I did take pictures of him after he passed - in his towel....and I did pretty good till I picked him up off the bed and cuddled him in my arms before putting him in his box he slept in....and then I held him and held him and didn't want to let him go. I'm still pretty upset - yesterday I was gonna watch some more West Wing with him - we called it our "booby snuggles" time because I'd hold him up on my chest and pet him and rub his ears and stuff and he just loved it. But I didn't get to do that and I was like, "I will watch West Wing with him tomorrow..." and now I can't. As I told him with his last breath - West Wing will never ever be the same without him.....

I better close this - I'm crying too hard and rambling too much and New Hope deserves so much more.


----------



## Luvmyzoocrew (Jul 10, 2008)

oh poor baby , i hope it is quick for him to go to the rainbow bridge


----------



## Jenk (Jul 10, 2008)

Oh, sweetheart...I'm _very_ sorry to learn this news. But it seems that you're definitely in touch with New Hope and respectful of his wishes. I can't think of a more touching way to express your love for a dear bun: allowing him guilt-free permission to escape physical suffering. 

I'm thinking good thoughts about and saying prayers for the both of you--especially for an easy passing for New Hope. ray:


----------



## TinysMom (Jul 10, 2008)

This is probably the first of several messages about New Hope - the thoughts that I'm wrestling with and just have to get down now. I'm sure more is going to come later - I think I'm still stunned.

New Hope was born in.....I think Sept. or Oct of 2006 - I would have to go and look it up. At that point - I was fairly discouraged with my breeding program and Art & I were talking about getting out of breeding lionheads because I was having a hard time getting the smaller ears/heads and the beautiful manes.

Then one day I noticed this bunny in the litter (I was weaning them at the time) - and about a week later - after he got a cage of his own....Art was walking by and noticed him and went, "Where did you get this show rabbit?" He was stunned - as was I really.

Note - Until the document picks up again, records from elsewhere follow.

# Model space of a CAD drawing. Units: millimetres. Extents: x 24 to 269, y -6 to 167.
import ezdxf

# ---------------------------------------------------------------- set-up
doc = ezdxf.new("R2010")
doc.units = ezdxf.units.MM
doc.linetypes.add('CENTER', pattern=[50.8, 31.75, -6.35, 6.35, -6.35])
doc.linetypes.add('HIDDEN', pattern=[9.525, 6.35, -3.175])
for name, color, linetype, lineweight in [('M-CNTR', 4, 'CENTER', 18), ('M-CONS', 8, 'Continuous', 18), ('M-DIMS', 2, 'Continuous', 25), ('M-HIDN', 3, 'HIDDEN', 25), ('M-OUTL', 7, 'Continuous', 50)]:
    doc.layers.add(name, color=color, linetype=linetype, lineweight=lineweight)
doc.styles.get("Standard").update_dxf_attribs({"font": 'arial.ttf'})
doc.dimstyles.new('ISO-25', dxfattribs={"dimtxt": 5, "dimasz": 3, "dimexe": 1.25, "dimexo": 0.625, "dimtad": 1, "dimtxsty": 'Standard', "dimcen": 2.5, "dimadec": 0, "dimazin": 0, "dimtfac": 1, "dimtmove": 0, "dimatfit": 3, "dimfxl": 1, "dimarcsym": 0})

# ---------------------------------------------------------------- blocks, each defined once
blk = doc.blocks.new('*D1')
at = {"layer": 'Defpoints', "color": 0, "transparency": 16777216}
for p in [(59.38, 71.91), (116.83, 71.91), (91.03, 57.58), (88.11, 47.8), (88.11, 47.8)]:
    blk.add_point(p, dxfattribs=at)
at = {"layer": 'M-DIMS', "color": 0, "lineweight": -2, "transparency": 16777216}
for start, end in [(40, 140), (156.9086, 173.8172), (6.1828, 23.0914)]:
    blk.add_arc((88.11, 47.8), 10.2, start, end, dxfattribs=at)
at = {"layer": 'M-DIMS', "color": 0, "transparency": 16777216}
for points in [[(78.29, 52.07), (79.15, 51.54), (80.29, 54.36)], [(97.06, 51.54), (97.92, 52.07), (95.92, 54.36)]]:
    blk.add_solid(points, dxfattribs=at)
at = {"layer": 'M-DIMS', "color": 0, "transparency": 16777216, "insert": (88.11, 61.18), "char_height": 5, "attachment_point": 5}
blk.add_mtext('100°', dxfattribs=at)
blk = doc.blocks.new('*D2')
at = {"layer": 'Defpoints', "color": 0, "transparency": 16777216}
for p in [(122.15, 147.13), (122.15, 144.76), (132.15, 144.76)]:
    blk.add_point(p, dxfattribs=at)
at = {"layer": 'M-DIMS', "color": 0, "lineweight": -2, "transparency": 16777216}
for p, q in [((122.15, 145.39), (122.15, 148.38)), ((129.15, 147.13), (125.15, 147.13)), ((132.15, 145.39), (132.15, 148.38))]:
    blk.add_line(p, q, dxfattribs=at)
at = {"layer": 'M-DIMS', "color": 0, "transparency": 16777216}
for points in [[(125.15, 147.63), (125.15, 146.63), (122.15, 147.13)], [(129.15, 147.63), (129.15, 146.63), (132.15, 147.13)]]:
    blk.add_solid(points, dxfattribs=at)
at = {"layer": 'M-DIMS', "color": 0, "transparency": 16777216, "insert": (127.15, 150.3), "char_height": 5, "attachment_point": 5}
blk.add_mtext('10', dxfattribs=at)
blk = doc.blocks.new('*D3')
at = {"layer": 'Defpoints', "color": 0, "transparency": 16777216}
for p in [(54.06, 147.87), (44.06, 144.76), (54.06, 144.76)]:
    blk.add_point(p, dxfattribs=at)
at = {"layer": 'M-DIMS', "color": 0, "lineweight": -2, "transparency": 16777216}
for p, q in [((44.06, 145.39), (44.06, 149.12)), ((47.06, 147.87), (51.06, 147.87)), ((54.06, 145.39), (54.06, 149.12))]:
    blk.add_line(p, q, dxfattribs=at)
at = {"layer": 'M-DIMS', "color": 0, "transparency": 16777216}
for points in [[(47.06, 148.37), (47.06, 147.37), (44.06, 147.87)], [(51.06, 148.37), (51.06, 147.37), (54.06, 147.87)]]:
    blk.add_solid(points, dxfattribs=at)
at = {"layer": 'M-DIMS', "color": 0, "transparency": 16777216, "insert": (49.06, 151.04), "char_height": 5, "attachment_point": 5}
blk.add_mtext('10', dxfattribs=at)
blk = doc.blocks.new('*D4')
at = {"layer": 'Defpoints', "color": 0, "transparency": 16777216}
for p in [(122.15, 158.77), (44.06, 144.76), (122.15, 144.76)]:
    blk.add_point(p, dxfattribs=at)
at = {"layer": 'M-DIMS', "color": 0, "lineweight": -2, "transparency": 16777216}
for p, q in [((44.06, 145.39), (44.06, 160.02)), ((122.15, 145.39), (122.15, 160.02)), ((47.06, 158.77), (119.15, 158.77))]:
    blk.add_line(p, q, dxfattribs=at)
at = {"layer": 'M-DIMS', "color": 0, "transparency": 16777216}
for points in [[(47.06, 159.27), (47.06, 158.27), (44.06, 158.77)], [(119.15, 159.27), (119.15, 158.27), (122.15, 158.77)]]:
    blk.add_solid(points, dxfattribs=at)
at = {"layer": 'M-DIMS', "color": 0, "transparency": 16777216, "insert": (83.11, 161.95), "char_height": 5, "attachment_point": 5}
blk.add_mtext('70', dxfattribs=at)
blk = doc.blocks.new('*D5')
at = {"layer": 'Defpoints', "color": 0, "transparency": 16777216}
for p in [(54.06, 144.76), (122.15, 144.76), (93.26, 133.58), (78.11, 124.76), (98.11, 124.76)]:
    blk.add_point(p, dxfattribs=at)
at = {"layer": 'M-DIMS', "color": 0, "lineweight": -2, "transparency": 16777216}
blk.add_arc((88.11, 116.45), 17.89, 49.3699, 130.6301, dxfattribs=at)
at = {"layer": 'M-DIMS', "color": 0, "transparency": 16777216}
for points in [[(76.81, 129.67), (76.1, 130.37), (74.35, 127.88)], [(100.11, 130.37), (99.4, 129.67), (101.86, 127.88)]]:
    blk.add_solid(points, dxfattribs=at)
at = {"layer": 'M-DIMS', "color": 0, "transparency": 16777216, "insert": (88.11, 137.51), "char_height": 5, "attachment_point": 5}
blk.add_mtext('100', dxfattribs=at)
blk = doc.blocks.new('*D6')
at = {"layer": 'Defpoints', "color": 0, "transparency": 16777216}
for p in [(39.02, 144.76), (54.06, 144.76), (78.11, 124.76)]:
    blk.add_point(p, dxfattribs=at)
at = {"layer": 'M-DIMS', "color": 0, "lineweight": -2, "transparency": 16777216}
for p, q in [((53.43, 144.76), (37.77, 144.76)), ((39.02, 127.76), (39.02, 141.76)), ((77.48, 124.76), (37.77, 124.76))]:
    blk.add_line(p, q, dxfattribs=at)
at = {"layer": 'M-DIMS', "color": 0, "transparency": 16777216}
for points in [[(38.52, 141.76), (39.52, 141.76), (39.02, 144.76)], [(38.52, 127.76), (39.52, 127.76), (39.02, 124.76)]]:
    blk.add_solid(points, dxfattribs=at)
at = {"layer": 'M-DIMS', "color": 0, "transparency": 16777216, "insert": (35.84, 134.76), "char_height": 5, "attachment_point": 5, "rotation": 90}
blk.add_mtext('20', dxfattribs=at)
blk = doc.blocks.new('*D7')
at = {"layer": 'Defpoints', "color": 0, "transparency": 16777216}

We decided to continue breeding a bit longer if I could "produce rabbits like that" - and because we now had hope about our breeding program - he was named "New Hope". That's right - he gave us a new hope...

Here is how he looked then:






















And here is the ad:







When he was about 4 or 5 months old - I realized he had maloclussion. We weren't sure if it was genetic (it later looked like it was) or if he had been pulling on the bars of his cage and done something (I had seen him chewing on his cage bars and pulling on the door). 

This meant he would live out the rest of his life here....as one of our pets....getting his teeth trimmed on a regular basis.

And so he did.....and he was such a cutie. He hated his "dentist visits" with dad...but he was such a sweetie otherwise.

Then last year he came down with head tilt - and a number of things happened during that time. He'd get better....then worse...then better...then worse.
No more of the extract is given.